ゼミ・研究室紹介(2019年度以前)

優しい機械と人の関係(デザイン工学部 システムデザイン学科 小林尚登研究室)

  • 2010年08月23日
ゼミ・研究室紹介(2019年度以前)

2010.08.23
自分で考え切り拓くものつくり

小林教授研究室では、インテリジェンスメカトロニクスを軸に、デザインやIT領域など幅広い観点から総合的な“ものつくり”を考察・研究しています。理系の研究室の多くでは教授の専門に準じたテーマで学生が研究を進めますが、「卒業研究に関しては私からはテーマを与えません」と小林教授。「これからの社会では、自分で考え切り拓いていく力が重要。興味と熱意こそが研究の原動力です。その意味でも学生自らがテーマを思いつくまで待ちたいと考えています」と続けます。学生たちは、4年生の夏頃までに卒業研究のテーマを定め着手します。

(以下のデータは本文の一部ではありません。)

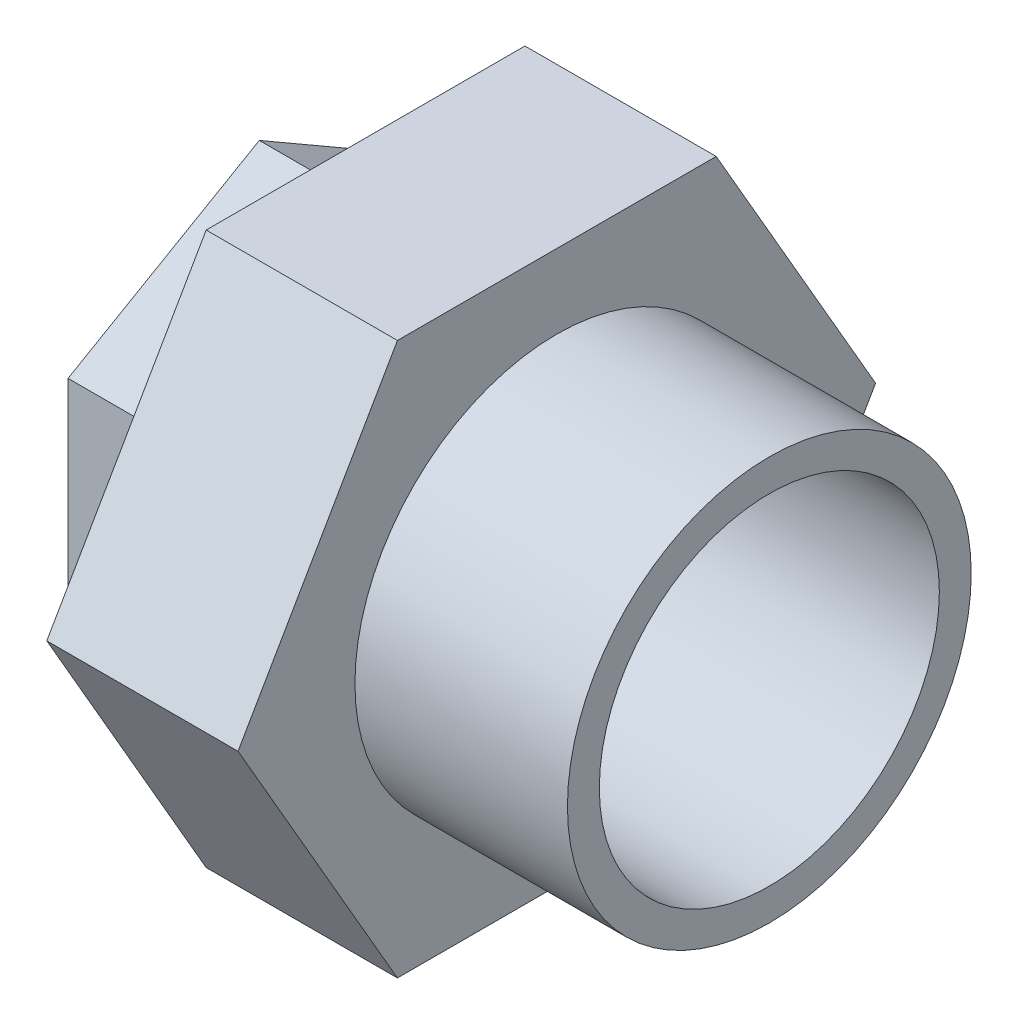
SolidWorks part; units mm, degrees
material "PP 共聚物"
ref_plane "前视基准面" through (0, 0, 0) normal (0, 0, 1) x (1, 0, 0)
ref_plane "上视基准面" through (0, 0, 0) normal (0, 1, 0) x (1, 0, 0)
ref_plane "右视基准面" through (0, 0, 0) normal (1, 0, 0) x (0, 0, -1)
sketch "草图1" plane through (0, 0, 0) normal (1, 0, 0) x (0, 0, -1)
  circle A0 centre (0, 0) radius 16
  dimension "D1" = 32
extrude "拉伸-薄壁1" add sketch "草图1" along normal blind 20 thin
sketch "草图2" plane through (0, 0, 0) normal (-1, 0, 0) x (0, 0, 1)
  line L1 (30, 0) -> (15, 25.9808)
  line L2 (15, 25.9808) -> (-15, 25.9808)
  line L3 (-15, 25.9808) -> (-30, 0)
  line L4 (-30, 0) -> (-15, -25.9808)
  line L5 (-15, -25.9808) -> (15, -25.9808)
  line L6 (15, -25.9808) -> (30, 0)
  circle A0 centre (0, 0) radius 25.9808 construction
  circle A1 centre (0, 0) radius 16
  dimension "D2" = 32
  dimension "D1" = 60
extrude "凸台-拉伸1" add sketch "草图2" along normal blind 18
sketch "草图3" plane through (-18, 0, 0) normal (-1, 0, 0) x (0, 0, 1)
  line L1 (0, 20.7846) -> (-18, 10.3923)
  line L2 (-18, 10.3923) -> (-18, -10.3923)
  line L3 (-18, -10.3923) -> (0, -20.7846)
  line L4 (0, -20.7846) -> (18, -10.3923)
  line L5 (18, -10.3923) -> (18, 10.3923)
  line L6 (18, 10.3923) -> (0, 20.7846)
  circle A0 centre (0, 0) radius 18 construction
  circle A1 centre (0, 0) radius 16.75
  dimension "D1" = 33.5
  dimension "D2" = 36
extrude "凸台-拉伸2" add sketch "草图3" along normal blind 10

卒業研究の前段階として、研究室配属直後は、グループに分かれた課題制作で、発想力と協調性を養うそうです。今年は、“一本の針で時間を表す時計”や、“モーター制御で箒を立て続ける装置”を共同制作しました。「メカ系のことが学べるので、小林研究室を選びました。理論なども、もっともっと学びたいと思っています」と意欲を見せるのは池田浩太郎さん(4年)。「グループワークも多く、自発的かつ熱心に研究に取り組んでいる研究室です。私自身はフィードバック回路に興味があります」と鈴木惇夫さん(4年)も話します。

現在の4年生は、デザイン工学部の一期生。都心の市ケ谷で、時にゲストなどに招いた各分野のトップクリエーターの仕事にも触れながら学んできました。中学時代に美術部だったという吉田麻希子さん(4年)は「やりたいことは機械、デザインなど絞り切れないほどあります。失敗したときの軌道修正法など、先生の助言はとても、ためになります」と話します。経験豊富で優しい院生のサポートもあり、研究室はフレンドリーな雰囲気です。8月初旬には、夏合宿も行いました。

  • 夏合宿で集合写真
  • 研究室では建設的な会話の輪が広がります

専門性豊かな院生たちの研究

院生の坂さんは“能面”の研究を展開。モニター横は、顔の傾きを研究するモデル模型

院生の坂さんは“能面”の研究を展開。モニター横は、顔の傾きを研究するモデル模型

手探りでスタートする個々の研究テーマも、院生になると高い専門性を有してきます。楢原秀忠さん(修士1年)のテーマは“顕微鏡下のバイオ操作を支援するソニフィケーション(Sonification:音変換)システム”。顕微鏡を用いて、繊細なバイオ技術操作をする際、モニター画像や試料の変化具合・感覚などを周波数に変え、音で表わすことで、操作者である人による作業効率の改善や、より細やかで正確な操作を可能にしようという試みです。「修士課程ではより自由度の高い研究に取り組めています。人の意思を機械に伝えることで、人と機械のコミュニケーションをさらに高め、同じフィールドに立たせたいと思っています」と話します。

一方、坂 百里さん(修士2年)は、能面のバーチャルミュージアム制作に取り組んでいます。顔の傾きだけでも表情は変わるもの。ましてや能面は、複雑で様々な表情を内包しています。デザイン工学部では文系と理系を融合した研究も進めており、この研究も法政大学能楽研究所などと連携して展開しています。「昨年1年間はイタリア・ピサのサンターナ大学院大学に留学していました」と坂さん。現地の研究者と英語やイタリア語でディスカッションしながらの、「インターネット実験作業や研究はとても貴重な体験でした」と振り返ります。留学中はSkypeを用いて日本とも頻繁に連絡を取り合いながら研究を進めたそうです。

バイオや文化、社会、環境など幅広い分野を意識した、人に優しい機械やシステムの先端的な研究を能動的に行うことで学生や院生たちはテクニカルコーディネーターとしての資質を熟成します。最近では機械などの製造業のみならず、情報・通信業界などに進む卒業生も増えているそうです。